What is Big Ben?
Big Ben Solitaire uses a clock-face layout like Clock Solitaire, but it is a genuine strategy game rather than a mechanical one. Two decks are used, twelve foundation piles are arranged in a clock ring (one per rank position), and eight tableau piles sit in the center. Each foundation builds upward by suit with wraparound — the starting rank of each foundation is pre-determined by the layout, creating a synchronized multi-foundation race.
Full rules
Two 52-card decks (104 cards). Twelve foundation positions arranged in a clock face, each seeded with one card (one rank per position, both suits of that rank will eventually go there). Foundations build upward by suit with wraparound. Eight tableau piles in the center build downward in alternating colors. A stock deals one card at a time to a waste pile. Win when all 104 cards reach the twelve foundations.
How Big Ben differs from Clock Solitaire
Clock Solitaire is fully mechanical — no choices, outcome determined by shuffle. Big Ben requires real strategic decisions: which foundation to advance, when to use the tableau for staging, how to pace the stock.
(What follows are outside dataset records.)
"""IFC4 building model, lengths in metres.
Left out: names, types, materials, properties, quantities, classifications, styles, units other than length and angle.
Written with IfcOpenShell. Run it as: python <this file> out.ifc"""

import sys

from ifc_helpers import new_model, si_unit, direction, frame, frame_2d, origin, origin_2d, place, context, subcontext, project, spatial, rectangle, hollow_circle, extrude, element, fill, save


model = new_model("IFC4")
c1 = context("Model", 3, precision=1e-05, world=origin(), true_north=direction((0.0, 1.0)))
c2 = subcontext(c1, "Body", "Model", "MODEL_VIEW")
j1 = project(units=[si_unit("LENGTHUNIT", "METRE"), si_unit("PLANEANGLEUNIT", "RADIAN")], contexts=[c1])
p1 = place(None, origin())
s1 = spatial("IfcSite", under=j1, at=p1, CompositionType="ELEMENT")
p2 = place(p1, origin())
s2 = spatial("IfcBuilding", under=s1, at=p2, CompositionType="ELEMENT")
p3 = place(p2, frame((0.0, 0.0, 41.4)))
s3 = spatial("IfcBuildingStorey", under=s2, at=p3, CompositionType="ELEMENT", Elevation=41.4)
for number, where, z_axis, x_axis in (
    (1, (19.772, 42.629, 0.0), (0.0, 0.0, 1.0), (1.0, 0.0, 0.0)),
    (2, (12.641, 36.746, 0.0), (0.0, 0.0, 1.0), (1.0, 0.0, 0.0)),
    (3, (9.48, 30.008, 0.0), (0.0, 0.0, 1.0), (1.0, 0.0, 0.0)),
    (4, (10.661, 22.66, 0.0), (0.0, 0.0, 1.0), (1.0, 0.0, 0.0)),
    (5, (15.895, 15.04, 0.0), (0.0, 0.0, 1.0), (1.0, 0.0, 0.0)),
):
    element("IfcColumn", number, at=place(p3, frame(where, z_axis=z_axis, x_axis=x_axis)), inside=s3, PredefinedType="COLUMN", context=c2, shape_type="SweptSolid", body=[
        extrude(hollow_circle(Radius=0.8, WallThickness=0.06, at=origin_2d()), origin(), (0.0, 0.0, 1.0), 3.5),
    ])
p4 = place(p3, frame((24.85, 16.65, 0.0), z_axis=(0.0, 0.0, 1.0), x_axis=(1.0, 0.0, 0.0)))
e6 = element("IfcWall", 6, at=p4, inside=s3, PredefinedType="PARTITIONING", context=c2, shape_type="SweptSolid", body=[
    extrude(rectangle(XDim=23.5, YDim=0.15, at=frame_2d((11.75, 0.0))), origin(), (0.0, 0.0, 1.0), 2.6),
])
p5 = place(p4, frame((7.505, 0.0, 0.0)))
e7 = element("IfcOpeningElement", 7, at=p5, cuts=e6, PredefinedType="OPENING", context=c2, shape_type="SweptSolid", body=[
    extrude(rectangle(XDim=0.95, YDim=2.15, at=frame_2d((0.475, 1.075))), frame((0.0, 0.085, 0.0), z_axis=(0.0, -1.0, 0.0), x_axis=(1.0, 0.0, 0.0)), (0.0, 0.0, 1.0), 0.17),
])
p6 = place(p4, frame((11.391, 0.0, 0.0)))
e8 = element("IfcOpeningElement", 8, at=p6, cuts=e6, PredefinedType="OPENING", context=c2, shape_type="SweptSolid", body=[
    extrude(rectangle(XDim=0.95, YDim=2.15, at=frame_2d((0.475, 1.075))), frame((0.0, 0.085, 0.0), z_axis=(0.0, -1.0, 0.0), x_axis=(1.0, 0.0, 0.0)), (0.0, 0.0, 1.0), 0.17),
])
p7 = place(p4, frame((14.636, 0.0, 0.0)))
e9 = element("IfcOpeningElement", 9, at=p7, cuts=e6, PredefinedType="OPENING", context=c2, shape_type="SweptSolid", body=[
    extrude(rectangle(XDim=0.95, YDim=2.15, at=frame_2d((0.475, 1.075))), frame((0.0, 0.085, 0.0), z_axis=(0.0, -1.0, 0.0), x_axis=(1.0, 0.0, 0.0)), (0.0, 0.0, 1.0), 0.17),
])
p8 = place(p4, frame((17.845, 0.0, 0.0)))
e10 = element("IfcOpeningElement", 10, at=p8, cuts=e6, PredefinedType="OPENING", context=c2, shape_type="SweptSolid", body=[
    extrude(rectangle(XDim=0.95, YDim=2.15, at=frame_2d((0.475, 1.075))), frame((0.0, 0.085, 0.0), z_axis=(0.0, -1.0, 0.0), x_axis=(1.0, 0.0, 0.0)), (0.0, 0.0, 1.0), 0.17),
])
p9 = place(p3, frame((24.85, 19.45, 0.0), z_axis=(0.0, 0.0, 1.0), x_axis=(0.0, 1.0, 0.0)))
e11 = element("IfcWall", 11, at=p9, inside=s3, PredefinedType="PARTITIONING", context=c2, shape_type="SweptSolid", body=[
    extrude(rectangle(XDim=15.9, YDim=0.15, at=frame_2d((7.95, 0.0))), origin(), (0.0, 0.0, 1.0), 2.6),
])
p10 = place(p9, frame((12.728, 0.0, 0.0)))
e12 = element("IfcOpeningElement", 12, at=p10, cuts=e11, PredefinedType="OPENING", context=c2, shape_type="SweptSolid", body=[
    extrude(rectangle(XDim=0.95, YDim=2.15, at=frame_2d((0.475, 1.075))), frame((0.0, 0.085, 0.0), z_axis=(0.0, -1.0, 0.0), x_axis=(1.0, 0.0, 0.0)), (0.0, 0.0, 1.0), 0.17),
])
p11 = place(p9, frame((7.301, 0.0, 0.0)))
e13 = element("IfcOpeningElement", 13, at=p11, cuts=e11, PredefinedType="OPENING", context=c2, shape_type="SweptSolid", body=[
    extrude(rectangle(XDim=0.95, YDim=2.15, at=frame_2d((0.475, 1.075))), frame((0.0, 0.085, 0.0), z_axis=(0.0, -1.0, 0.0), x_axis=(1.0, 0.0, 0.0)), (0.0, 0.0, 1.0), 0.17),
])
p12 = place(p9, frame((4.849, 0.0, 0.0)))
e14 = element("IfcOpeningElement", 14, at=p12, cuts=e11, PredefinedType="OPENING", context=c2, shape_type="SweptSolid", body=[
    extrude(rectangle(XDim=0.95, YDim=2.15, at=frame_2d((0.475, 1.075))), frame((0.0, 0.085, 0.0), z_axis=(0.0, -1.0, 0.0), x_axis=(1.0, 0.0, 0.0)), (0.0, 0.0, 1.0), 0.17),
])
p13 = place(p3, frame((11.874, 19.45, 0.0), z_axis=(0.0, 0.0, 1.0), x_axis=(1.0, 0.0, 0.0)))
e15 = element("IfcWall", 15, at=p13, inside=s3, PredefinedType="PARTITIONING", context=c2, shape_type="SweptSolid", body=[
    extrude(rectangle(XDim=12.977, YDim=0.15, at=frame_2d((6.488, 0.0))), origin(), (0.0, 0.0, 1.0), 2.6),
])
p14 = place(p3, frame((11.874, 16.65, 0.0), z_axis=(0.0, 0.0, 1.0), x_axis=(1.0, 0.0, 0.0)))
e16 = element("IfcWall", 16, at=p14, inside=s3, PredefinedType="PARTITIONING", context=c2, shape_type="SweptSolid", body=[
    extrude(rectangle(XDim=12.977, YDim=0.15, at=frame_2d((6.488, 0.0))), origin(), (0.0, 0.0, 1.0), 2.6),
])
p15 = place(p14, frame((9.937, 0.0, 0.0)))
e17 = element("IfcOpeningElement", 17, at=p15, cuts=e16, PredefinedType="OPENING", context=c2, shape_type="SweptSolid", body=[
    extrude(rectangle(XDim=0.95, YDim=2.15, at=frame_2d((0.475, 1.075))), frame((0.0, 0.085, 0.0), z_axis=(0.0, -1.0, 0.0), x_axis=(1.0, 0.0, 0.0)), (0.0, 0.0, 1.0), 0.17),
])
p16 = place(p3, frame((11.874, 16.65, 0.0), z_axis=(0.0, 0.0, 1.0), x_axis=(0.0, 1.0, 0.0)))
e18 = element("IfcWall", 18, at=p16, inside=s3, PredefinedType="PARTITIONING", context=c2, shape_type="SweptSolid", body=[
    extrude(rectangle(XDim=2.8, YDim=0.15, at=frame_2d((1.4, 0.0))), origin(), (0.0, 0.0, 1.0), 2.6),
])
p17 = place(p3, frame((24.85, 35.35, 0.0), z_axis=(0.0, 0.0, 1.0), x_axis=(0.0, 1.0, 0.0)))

The clock layout is thematic, not mechanical — you choose every move.
The twelve synchronized foundations (instead of the standard four) create more complex dependency tracking: each foundation has its own starting rank and both suits of cards at that rank must reach it.
Read the Big Ben strategy guide →
Foundation synchronization
The twelve foundations each start at a specific rank. Cards of that rank (both suits) are the anchors for their respective clock positions. Tracking which ranks are currently accepting cards — and which suits of those ranks are still needed — requires scanning twelve positions instead of the usual four.
Prioritize foundation moves whenever they exist. Advancing the clock positions reduces tableau congestion and reveals new sequencing opportunities.